Eric started with one of Harmon’s special brews: the Vanilla Porter. It was the same recipe used in their Puget Sound Porter with the addition of vanilla beans. If this sounds good to you, you’re right, because it was excellent. The added notes of vanilla were not overpowering and complimented the roastiness of the porter excellently. The beer itself was very roasty in flavor and texture that lingered pleasantly in the aftertaste. This porter seemed to be more carbonated than many others Eric has tried. There was little bitterness in the beer, which allowed for the creamier notes to merge seamlessly with the vanilla flavors. This porter boasts a good deal of complexity but isn’t overdone, a problem with many beers that try to add flavors. It is a good example of how to make a good porter and infuse it with unique flavors. (Which, if you weren’t paying attention, is carefully and subtly).

My experience at this brewery was an interesting one. I sampled a specialty fruit IPA – more on that later – but opted to go first with the Browns Point ESB. It arrived a rusty copper color and medium-light body; the carbonation was excellent. As I sipped it I tasted mild bitterness, citrus notes and some sweetness, and came to the conclusion that they must have poured me the IPA on accident. It was not until checking with the server after finishing the pint that they confirmed that I had indeed been drinking the ESB. Ultimately this was quite a good beer and I recommend getting it, but it was so far out of the scope of a traditional ESB that I thought I was drinking something else.

After the confusion I did get my hands on their Floridian IPA. This beer made no attempt at subtlety. Even before I took my first drink I could smell the fruit. It was infused with grapefruit, orange and pineapple, though the first was the dominant flavor of the three. The hop profile was citrusy and floral, which played perfectly with the fruity notes. Although the initial flavor of the fruit hit you square in the jaw, the hoppiness became more pronounced as I continued drinking. The beer itself was medium bodied with solid carbonation but very little head. This beer probably is not for everyone, but I definitely enjoyed it.

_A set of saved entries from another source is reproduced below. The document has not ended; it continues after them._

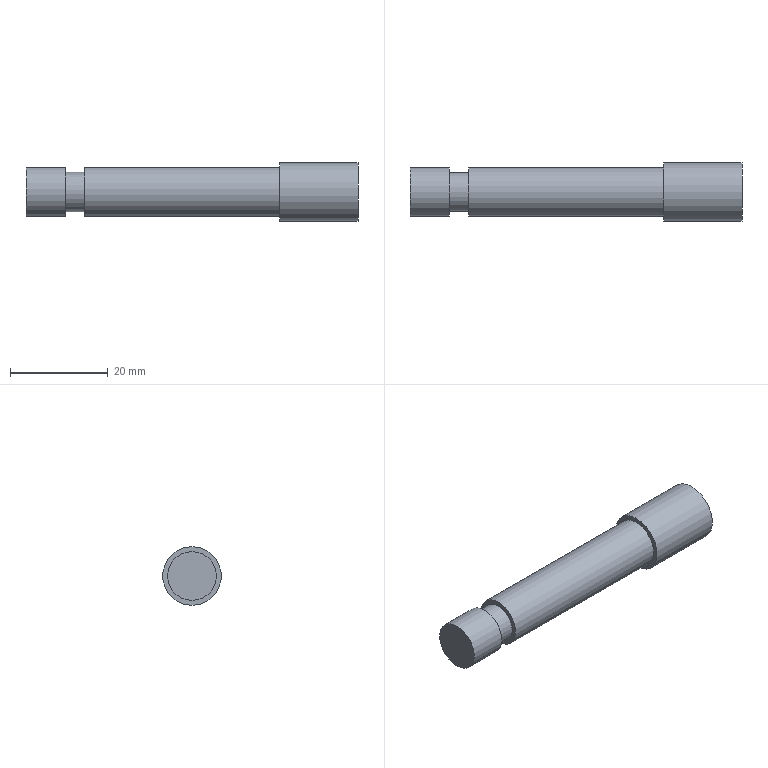Component | NX | THREADED_ROD | 1 solid | 9 faces | box 68 x 12 x 12 mm | volume 5781 mm3 | plane 5 | cylinder 4 | commonest cylinder face diameters 10 x2 8 x1 12 x1
STEP:
#1=CARTESIAN_POINT('',(0.,0.,0.));
#2=DIRECTION('',(0.,0.,1.));
#3=DIRECTION('',(1.,0.,0.));
#4=AXIS2_PLACEMENT_3D('',#1,#2,#3);
#5=CARTESIAN_POINT('',(780.009,-150.302,-1313.5));
#6=VERTEX_POINT('',#5);
#7=CARTESIAN_POINT('',(780.009,-150.302,-1307.5));
#8=DIRECTION('',(1.,0.,0.));
#9=DIRECTION('',(0.,0.,-1.));
#10=AXIS2_PLACEMENT_3D('',#7,#8,#9);
#11=CIRCLE('',#10,6.);
#12=CARTESIAN_POINT('',(780.009,-150.302,-1307.5));
#13=DIRECTION('',(1.,0.,0.));
#14=DIRECTION('',(0.,0.,-1.));
#15=AXIS2_PLACEMENT_3D('',#12,#13,#14);
#16=PLANE('',#15);
#17=CARTESIAN_POINT('',(0.,0.));
#18=DIRECTION('',(1.,0.));
#19=AXIS2_PLACEMENT_2D('',#17,#18);
#20=CIRCLE('',#19,6.);
#21=(GEOMETRIC_REPRESENTATION_CONTEXT(2)PARAMETRIC_REPRESENTATION_CONTEXT()REPRESENTATION_CONTEXT('',''));
#22=DEFINITIONAL_REPRESENTATION('',(#20),#21);
#23=PCURVE('',#16,#22);
#24=CARTESIAN_POINT('',(712.009,-150.302,-1307.5));
#25=DIRECTION('',(1.,0.,0.));
#26=DIRECTION('',(0.,0.,-1.));
#27=AXIS2_PLACEMENT_3D('',#24,#25,#26);
#28=CYLINDRICAL_SURFACE('',#27,6.);
#29=CARTESIAN_POINT('',(0.,68.));
#30=DIRECTION('',(1.,0.));
#31=VECTOR('',#30,1.);
#32=LINE('',#29,#31);
#33=(GEOMETRIC_REPRESENTATION_CONTEXT(2)PARAMETRIC_REPRESENTATION_CONTEXT()REPRESENTATION_CONTEXT('',''));
#34=DEFINITIONAL_REPRESENTATION('',(#32),#33);
#35=PCURVE('',#28,#34);
#36=SURFACE_CURVE('',#11,(#23,#35),.PCURVE_S1.);
#37=EDGE_CURVE('',#6,#6,#36,.T.);
#38=ORIENTED_EDGE('',*,*,#37,.T.);
#39=EDGE_LOOP('',(#38));
#40=FACE_BOUND('',#39,.T.);
#41=ADVANCED_FACE('',(#40),#16,.T.);
#42=CARTESIAN_POINT('',(712.009,-150.302,-1312.5));
#43=VERTEX_POINT('',#42);
#44=CARTESIAN_POINT('',(712.009,-150.302,-1307.5));
#45=DIRECTION('',(1.,0.,0.));
#46=DIRECTION('',(0.,0.,-1.));
#47=AXIS2_PLACEMENT_3D('',#44,#45,#46);
#48=CIRCLE('',#47,5.);
#49=CARTESIAN_POINT('',(712.009,-150.302,-1307.5));
#50=DIRECTION('',(1.,0.,0.));
#51=DIRECTION('',(0.,0.,-1.));
#52=AXIS2_PLACEMENT_3D('',#49,#50,#51);
#53=PLANE('',#52);
#54=CARTESIAN_POINT('',(0.,0.));
#55=DIRECTION('',(1.,0.));
#56=AXIS2_PLACEMENT_2D('',#54,#55);
#57=CIRCLE('',#56,5.);
#58=(GEOMETRIC_REPRESENTATION_CONTEXT(2)PARAMETRIC_REPRESENTATION_CONTEXT()REPRESENTATION_CONTEXT('',''));
#59=DEFINITIONAL_REPRESENTATION('',(#57),#58);
#60=PCURVE('',#53,#59);
#61=CARTESIAN_POINT('',(712.009,-150.302,-1307.5));
#62=DIRECTION('',(1.,0.,0.));
#63=DIRECTION('',(0.,0.,-1.));
#64=AXIS2_PLACEMENT_3D('',#61,#62,#63);
#65=CYLINDRICAL_SURFACE('',#64,5.);
#66=CARTESIAN_POINT('',(0.,0.));
#67=DIRECTION('',(1.,0.));
#68=VECTOR('',#67,1.);
#69=LINE('',#66,#68);
#70=(GEOMETRIC_REPRESENTATION_CONTEXT(2)PARAMETRIC_REPRESENTATION_CONTEXT()REPRESENTATION_CONTEXT('',''));
#71=DEFINITIONAL_REPRESENTATION('',(#69),#70);
#72=PCURVE('',#65,#71);
#73=SURFACE_CURVE('',#48,(#60,#72),.PCURVE_S1.);
#74=EDGE_CURVE('',#43,#43,#73,.T.);
#75=ORIENTED_EDGE('',*,*,#74,.F.);
#76=EDGE_LOOP('',(#75));
#77=FACE_BOUND('',#76,.T.);
#78=ADVANCED_FACE('',(#77),#53,.F.);
#79=ORIENTED_EDGE('',*,*,#74,.T.);
#80=CARTESIAN_POINT('',(720.009,-150.302,-1312.5));
#81=VERTEX_POINT('',#80);
#82=CARTESIAN_POINT('',(712.009,-150.302,-1312.5));
#83=CARTESIAN_POINT('',(720.009,-150.302,-1312.5));
#84=B_SPLINE_CURVE_WITH_KNOTS('',1,(#82,#83),.UNSPECIFIED.,.F.,.F.,(2,2),(0.,8.),.PIECEWISE_BEZIER_KNOTS.);
#85=CARTESIAN_POINT('',(6.283,0.));
#86=DIRECTION('',(0.,1.));
#87=VECTOR('',#86,1.);
#88=LINE('',#85,#87);
#89=(GEOMETRIC_REPRESENTATION_CONTEXT(2)PARAMETRIC_REPRESENTATION_CONTEXT()REPRESENTATION_CONTEXT('',''));
#90=DEFINITIONAL_REPRESENTATION('',(#88),#89);
#91=PCURVE('',#65,#90);
#92=CARTESIAN_POINT('',(0.,0.));
#93=DIRECTION('',(0.,1.));
#94=VECTOR('',#93,1.);
#95=LINE('',#92,#94);
#96=(GEOMETRIC_REPRESENTATION_CONTEXT(2)PARAMETRIC_REPRESENTATION_CONTEXT()REPRESENTATION_CONTEXT('',''));
#97=DEFINITIONAL_REPRESENTATION('',(#95),#96);
#98=PCURVE('',#65,#97);
#99=SEAM_CURVE('',#84,(#91,#98),.PCURVE_S1.);
#100=EDGE_CURVE('',#43,#81,#99,.T.);
#101=ORIENTED_EDGE('',*,*,#100,.T.);
#102=CARTESIAN_POINT('',(720.009,-150.302,-1307.5));
#103=DIRECTION('',(1.,0.,0.));
#104=DIRECTION('',(0.,0.,-1.));
#105=AXIS2_PLACEMENT_3D('',#102,#103,#104);
#106=CIRCLE('',#105,5.);
#107=CARTESIAN_POINT('',(0.,8.));
#108=DIRECTION('',(1.,0.));
#109=VECTOR('',#108,1.);
#110=LINE('',#107,#109);
#111=(GEOMETRIC_REPRESENTATION_CONTEXT(2)PARAMETRIC_REPRESENTATION_CONTEXT()REPRESENTATION_CONTEXT('',''));
#112=DEFINITIONAL_REPRESENTATION('',(#110),#111);
#113=PCURVE('',#65,#112);
#114=CARTESIAN_POINT('',(720.009,-150.302,-1303.5));
#115=DIRECTION('',(1.,0.,0.));
#116=DIRECTION('',(0.,0.,-1.));
#117=AXIS2_PLACEMENT_3D('',#114,#115,#116);
#118=PLANE('',#117);
#119=CARTESIAN_POINT('',(4.,0.));
#120=DIRECTION('',(1.,0.));
#121=AXIS2_PLACEMENT_2D('',#119,#120);
#122=CIRCLE('',#121,5.);
#123=(GEOMETRIC_REPRESENTATION_CONTEXT(2)PARAMETRIC_REPRESENTATION_CONTEXT()REPRESENTATION_CONTEXT('',''));
#124=DEFINITIONAL_REPRESENTATION('',(#122),#123);
#125=PCURVE('',#118,#124);
#126=SURFACE_CURVE('',#106,(#113,#125),.PCURVE_S1.);
#127=EDGE_CURVE('',#81,#81,#126,.T.);
#128=ORIENTED_EDGE('',*,*,#127,.F.);
#129=ORIENTED_EDGE('',*,*,#100,.F.);
#130=EDGE_LOOP('',(#79,#101,#128,#129));
#131=FACE_BOUND('',#130,.T.);
#132=ADVANCED_FACE('',(#131),#65,.T.);
#133=ORIENTED_EDGE('',*,*,#127,.T.);
#134=EDGE_LOOP('',(#133));
#135=FACE_BOUND('',#134,.T.);
#136=CARTESIAN_POINT('',(720.009,-150.302,-1311.5));
#137=VERTEX_POINT('',#136);
#138=CARTESIAN_POINT('',(720.009,-150.302,-1307.5));
#139=DIRECTION('',(1.,0.,0.));
#140=DIRECTION('',(0.,0.,-1.));
#141=AXIS2_PLACEMENT_3D('',#138,#139,#140);
#142=CIRCLE('',#141,4.);
#143=CARTESIAN_POINT('',(4.,0.));
#144=DIRECTION('',(1.,0.));
#145=AXIS2_PLACEMENT_2D('',#143,#144);
#146=CIRCLE('',#145,4.);
#147=(GEOMETRIC_REPRESENTATION_CONTEXT(2)PARAMETRIC_REPRESENTATION_CONTEXT()REPRESENTATION_CONTEXT('',''));
#148=DEFINITIONAL_REPRESENTATION('',(#146),#147);
#149=PCURVE('',#118,#148);
#150=CARTESIAN_POINT('',(712.009,-150.302,-1307.5));
#151=DIRECTION('',(1.,0.,0.));
#152=DIRECTION('',(0.,0.,-1.));
#153=AXIS2_PLACEMENT_3D('',#150,#151,#152);
#154=CYLINDRICAL_SURFACE('',#153,4.);
#155=CARTESIAN_POINT('',(0.,8.));
#156=DIRECTION('',(1.,0.));
#157=VECTOR('',#156,1.);
#158=LINE('',#155,#157);
#159=(GEOMETRIC_REPRESENTATION_CONTEXT(2)PARAMETRIC_REPRESENTATION_CONTEXT()REPRESENTATION_CONTEXT('',''));
#160=DEFINITIONAL_REPRESENTATION('',(#158),#159);
#161=PCURVE('',#154,#160);
#162=SURFACE_CURVE('',#142,(#149,#161),.PCURVE_S1.);
#163=EDGE_CURVE('',#137,#137,#162,.T.);
#164=ORIENTED_EDGE('',*,*,#163,.F.);
#165=EDGE_LOOP('',(#164));
#166=FACE_BOUND('',#165,.T.);
#167=ADVANCED_FACE('',(#135,#166),#118,.T.);
#168=ORIENTED_EDGE('',*,*,#163,.T.);
#169=CARTESIAN_POINT('',(724.009,-150.302,-1311.5));
#170=VERTEX_POINT('',#169);
#171=CARTESIAN_POINT('',(720.009,-150.302,-1311.5));
#172=CARTESIAN_POINT('',(724.009,-150.302,-1311.5));
#173=B_SPLINE_CURVE_WITH_KNOTS('',1,(#171,#172),.UNSPECIFIED.,.F.,.F.,(2,2),(8.,12.),.PIECEWISE_BEZIER_KNOTS.);
#174=CARTESIAN_POINT('',(6.283,0.));
#175=DIRECTION('',(0.,1.));
#176=VECTOR('',#175,1.);
#177=LINE('',#174,#176);
#178=(GEOMETRIC_REPRESENTATION_CONTEXT(2)PARAMETRIC_REPRESENTATION_CONTEXT()REPRESENTATION_CONTEXT('',''));
#179=DEFINITIONAL_REPRESENTATION('',(#177),#178);
#180=PCURVE('',#154,#179);
#181=CARTESIAN_POINT('',(0.,0.));
#182=DIRECTION('',(0.,1.));
#183=VECTOR('',#182,1.);
#184=LINE('',#181,#183);
#185=(GEOMETRIC_REPRESENTATION_CONTEXT(2)PARAMETRIC_REPRESENTATION_CONTEXT()REPRESENTATION_CONTEXT('',''));
#186=DEFINITIONAL_REPRESENTATION('',(#184),#185);
#187=PCURVE('',#154,#186);
#188=SEAM_CURVE('',#173,(#180,#187),.PCURVE_S1.);
#189=EDGE_CURVE('',#137,#170,#188,.T.);
#190=ORIENTED_EDGE('',*,*,#189,.T.);
#191=CARTESIAN_POINT('',(724.009,-150.302,-1307.5));
#192=DIRECTION('',(1.,0.,0.));
#193=DIRECTION('',(0.,0.,-1.));
#194=AXIS2_PLACEMENT_3D('',#191,#192,#193);
#195=CIRCLE('',#194,4.);
#196=CARTESIAN_POINT('',(0.,12.));
#197=DIRECTION('',(1.,0.));
#198=VECTOR('',#197,1.);
#199=LINE('',#196,#198);
#200=(GEOMETRIC_REPRESENTATION_CONTEXT(2)PARAMETRIC_REPRESENTATION_CONTEXT()REPRESENTATION_CONTEXT('',''));
#201=DEFINITIONAL_REPRESENTATION('',(#199),#200);
#202=PCURVE('',#154,#201);
#203=CARTESIAN_POINT('',(724.009,-150.302,-1302.5));
#204=DIRECTION('',(-1.,0.,0.));
#205=DIRECTION('',(0.,0.,1.));
#206=AXIS2_PLACEMENT_3D('',#203,#204,#205);
#207=PLANE('',#206);
#208=CARTESIAN_POINT('',(-9.,0.));
#209=CARTESIAN_POINT('',(-9.,6.928));
#210=CARTESIAN_POINT('',(-3.,3.464));
#211=CARTESIAN_POINT('',(3.,0.));
#212=CARTESIAN_POINT('',(-3.,-3.464));
#213=CARTESIAN_POINT('',(-9.,-6.928));
#214=CARTESIAN_POINT('',(-9.,0.));
#215=(BOUNDED_CURVE()B_SPLINE_CURVE(2,(#208,#209,#210,#211,#212,#213,#214),.UNSPECIFIED.,.T.,.F.)B_SPLINE_CURVE_WITH_KNOTS((1,2,2,2,2,1),(-2.094,0.,2.094,4.189,6.283,8.378),.UNSPECIFIED.)CURVE()GEOMETRIC_REPRESENTATION_ITEM()RATIONAL_B_SPLINE_CURVE((1.,0.5,1.,0.5,1.,0.5,1.))REPRESENTATION_ITEM(''));
#216=(GEOMETRIC_REPRESENTATION_CONTEXT(2)PARAMETRIC_REPRESENTATION_CONTEXT()REPRESENTATION_CONTEXT('',''));
#217=DEFINITIONAL_REPRESENTATION('',(#215),#216);
#218=PCURVE('',#207,#217);
#219=SURFACE_CURVE('',#195,(#202,#218),.PCURVE_S1.);
#220=EDGE_CURVE('',#170,#170,#219,.T.);
#221=ORIENTED_EDGE('',*,*,#220,.F.);
#222=ORIENTED_EDGE('',*,*,#189,.F.);
#223=EDGE_LOOP('',(#168,#190,#221,#222));
#224=FACE_BOUND('',#223,.T.);
#225=ADVANCED_FACE('',(#224),#154,.T.);
#226=ORIENTED_EDGE('',*,*,#220,.T.);
#227=EDGE_LOOP('',(#226));
#228=FACE_BOUND('',#227,.T.);
#229=CARTESIAN_POINT('',(724.009,-150.302,-1312.5));
#230=VERTEX_POINT('',#229);
#231=CARTESIAN_POINT('',(724.009,-150.302,-1307.5));
#232=DIRECTION('',(1.,0.,0.));
#233=DIRECTION('',(0.,0.,-1.));
#234=AXIS2_PLACEMENT_3D('',#231,#232,#233);
#235=CIRCLE('',#234,5.);
#236=CARTESIAN_POINT('',(-10.,0.));
#237=CARTESIAN_POINT('',(-10.,8.66));
#238=CARTESIAN_POINT('',(-2.5,4.33));
#239=CARTESIAN_POINT('',(5.,0.));
#240=CARTESIAN_POINT('',(-2.5,-4.33));
#241=CARTESIAN_POINT('',(-10.,-8.66));
#242=CARTESIAN_POINT('',(-10.,0.));
#243=(BOUNDED_CURVE()B_SPLINE_CURVE(2,(#236,#237,#238,#239,#240,#241,#242),.UNSPECIFIED.,.T.,.F.)B_SPLINE_CURVE_WITH_KNOTS((1,2,2,2,2,1),(-2.094,0.,2.094,4.189,6.283,8.378),.UNSPECIFIED.)CURVE()GEOMETRIC_REPRESENTATION_ITEM()RATIONAL_B_SPLINE_CURVE((1.,0.5,1.,0.5,1.,0.5,1.))REPRESENTATION_ITEM(''));
#244=(GEOMETRIC_REPRESENTATION_CONTEXT(2)PARAMETRIC_REPRESENTATION_CONTEXT()REPRESENTATION_CONTEXT('',''));
#245=DEFINITIONAL_REPRESENTATION('',(#243),#244);
#246=PCURVE('',#207,#245);
#247=CARTESIAN_POINT('',(712.009,-150.302,-1307.5));
#248=DIRECTION('',(1.,0.,0.));
#249=DIRECTION('',(0.,0.,-1.));
#250=AXIS2_PLACEMENT_3D('',#247,#248,#249);
#251=CYLINDRICAL_SURFACE('',#250,5.);
#252=CARTESIAN_POINT('',(0.,12.));
#253=DIRECTION('',(1.,0.));
#254=VECTOR('',#253,1.);
#255=LINE('',#252,#254);
#256=(GEOMETRIC_REPRESENTATION_CONTEXT(2)PARAMETRIC_REPRESENTATION_CONTEXT()REPRESENTATION_CONTEXT('',''));
#257=DEFINITIONAL_REPRESENTATION('',(#255),#256);
#258=PCURVE('',#251,#257);
#259=SURFACE_CURVE('',#235,(#246,#258),.PCURVE_S1.);
#260=EDGE_CURVE('',#230,#230,#259,.T.);
#261=ORIENTED_EDGE('',*,*,#260,.F.);
#262=EDGE_LOOP('',(#261));
#263=FACE_BOUND('',#262,.T.);
#264=ADVANCED_FACE('',(#228,#263),#207,.T.);
#265=ORIENTED_EDGE('',*,*,#260,.T.);
#266=CARTESIAN_POINT('',(764.009,-150.302,-1312.5));
#267=VERTEX_POINT('',#266);
#268=CARTESIAN_POINT('',(724.009,-150.302,-1312.5));
#269=CARTESIAN_POINT('',(764.009,-150.302,-1312.5));
#270=B_SPLINE_CURVE_WITH_KNOTS('',1,(#268,#269),.UNSPECIFIED.,.F.,.F.,(2,2),(12.,52.),.PIECEWISE_BEZIER_KNOTS.);
#271=CARTESIAN_POINT('',(6.283,0.));
#272=DIRECTION('',(0.,1.));
#273=VECTOR('',#272,1.);
#274=LINE('',#271,#273);
#275=(GEOMETRIC_REPRESENTATION_CONTEXT(2)PARAMETRIC_REPRESENTATION_CONTEXT()REPRESENTATION_CONTEXT('',''));
#276=DEFINITIONAL_REPRESENTATION('',(#274),#275);
#277=PCURVE('',#251,#276);
#278=CARTESIAN_POINT('',(0.,0.));
#279=DIRECTION('',(0.,1.));
#280=VECTOR('',#279,1.);
#281=LINE('',#278,#280);
#282=(GEOMETRIC_REPRESENTATION_CONTEXT(2)PARAMETRIC_REPRESENTATION_CONTEXT()REPRESENTATION_CONTEXT('',''));
#283=DEFINITIONAL_REPRESENTATION('',(#281),#282);
#284=PCURVE('',#251,#283);
#285=SEAM_CURVE('',#270,(#277,#284),.PCURVE_S1.);
#286=EDGE_CURVE('',#230,#267,#285,.T.);
#287=ORIENTED_EDGE('',*,*,#286,.T.);
#288=CARTESIAN_POINT('',(764.009,-150.302,-1307.5));
#289=DIRECTION('',(1.,0.,0.));
#290=DIRECTION('',(0.,0.,-1.));
#291=AXIS2_PLACEMENT_3D('',#288,#289,#290);
#292=CIRCLE('',#291,5.);
#293=CARTESIAN_POINT('',(0.,52.));
#294=DIRECTION('',(1.,0.));
#295=VECTOR('',#294,1.);
#296=LINE('',#293,#295);
#297=(GEOMETRIC_REPRESENTATION_CONTEXT(2)PARAMETRIC_REPRESENTATION_CONTEXT()REPRESENTATION_CONTEXT('',''));
#298=DEFINITIONAL_REPRESENTATION('',(#296),#297);
#299=PCURVE('',#251,#298);
#300=CARTESIAN_POINT('',(764.009,-150.302,-1301.5));
#301=DIRECTION('',(-1.,0.,0.));
#302=DIRECTION('',(0.,0.,1.));
#303=AXIS2_PLACEMENT_3D('',#300,#301,#302);
#304=PLANE('',#303);
#305=CARTESIAN_POINT('',(-11.,0.));
#306=CARTESIAN_POINT('',(-11.,8.66));
#307=CARTESIAN_POINT('',(-3.5,4.33));
#308=CARTESIAN_POINT('',(4.,0.));
#309=CARTESIAN_POINT('',(-3.5,-4.33));
#310=CARTESIAN_POINT('',(-11.,-8.66));
#311=CARTESIAN_POINT('',(-11.,0.));
#312=(BOUNDED_CURVE()B_SPLINE_CURVE(2,(#305,#306,#307,#308,#309,#310,#311),.UNSPECIFIED.,.T.,.F.)B_SPLINE_CURVE_WITH_KNOTS((1,2,2,2,2,1),(-2.094,0.,2.094,4.189,6.283,8.378),.UNSPECIFIED.)CURVE()GEOMETRIC_REPRESENTATION_ITEM()RATIONAL_B_SPLINE_CURVE((1.,0.5,1.,0.5,1.,0.5,1.))REPRESENTATION_ITEM(''));
#313=(GEOMETRIC_REPRESENTATION_CONTEXT(2)PARAMETRIC_REPRESENTATION_CONTEXT()REPRESENTATION_CONTEXT('',''));
#314=DEFINITIONAL_REPRESENTATION('',(#312),#313);
#315=PCURVE('',#304,#314);
#316=SURFACE_CURVE('',#292,(#299,#315),.PCURVE_S1.);
#317=EDGE_CURVE('',#267,#267,#316,.T.);
#318=ORIENTED_EDGE('',*,*,#317,.F.);
#319=ORIENTED_EDGE('',*,*,#286,.F.);
#320=EDGE_LOOP('',(#265,#287,#318,#319));
#321=FACE_BOUND('',#320,.T.);
#322=ADVANCED_FACE('',(#321),#251,.T.);
#323=ORIENTED_EDGE('',*,*,#317,.T.);
#324=EDGE_LOOP('',(#323));
#325=FACE_BOUND('',#324,.T.);
#326=CARTESIAN_POINT('',(764.009,-150.302,-1313.5));
#327=VERTEX_POINT('',#326);
#328=CARTESIAN_POINT('',(764.009,-150.302,-1307.5));
#329=DIRECTION('',(1.,0.,0.));
#330=DIRECTION('',(0.,0.,-1.));
#331=AXIS2_PLACEMENT_3D('',#328,#329,#330);
#332=CIRCLE('',#331,6.);
#333=CARTESIAN_POINT('',(-12.,0.));
#334=CARTESIAN_POINT('',(-12.,10.392));
#335=CARTESIAN_POINT('',(-3.,5.196));
#336=CARTESIAN_POINT('',(6.,0.));
#337=CARTESIAN_POINT('',(-3.,-5.196));
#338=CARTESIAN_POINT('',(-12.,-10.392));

Eric rounded out the trip with a pint of the Point Defiance IPA. This IPA is dialed in at a bitter 70 IBUs, which is very apparent from the first taste. The IPA had a nice hop aroma that went well with the flavor. The citrus notes hidden in the big hop character were nice and carried over into a subtle but pleasurable aftertaste. The IPA lacked a lot of complexity that other IPAs possess. Eric did not have too much to say about this beer; it was a pretty good IPA, but there are better ones out there.

Harmon Brewing is unassuming and thus easy to pass without second thought, but you most certainly shouldn’t because it’s a brewery well worth checking out. The atmosphere is exceptional and the beer is unique and tasty. In particular, we recommend making the trip for their happy hour, when pints are only $3 each. Eric and I definitely recommend it.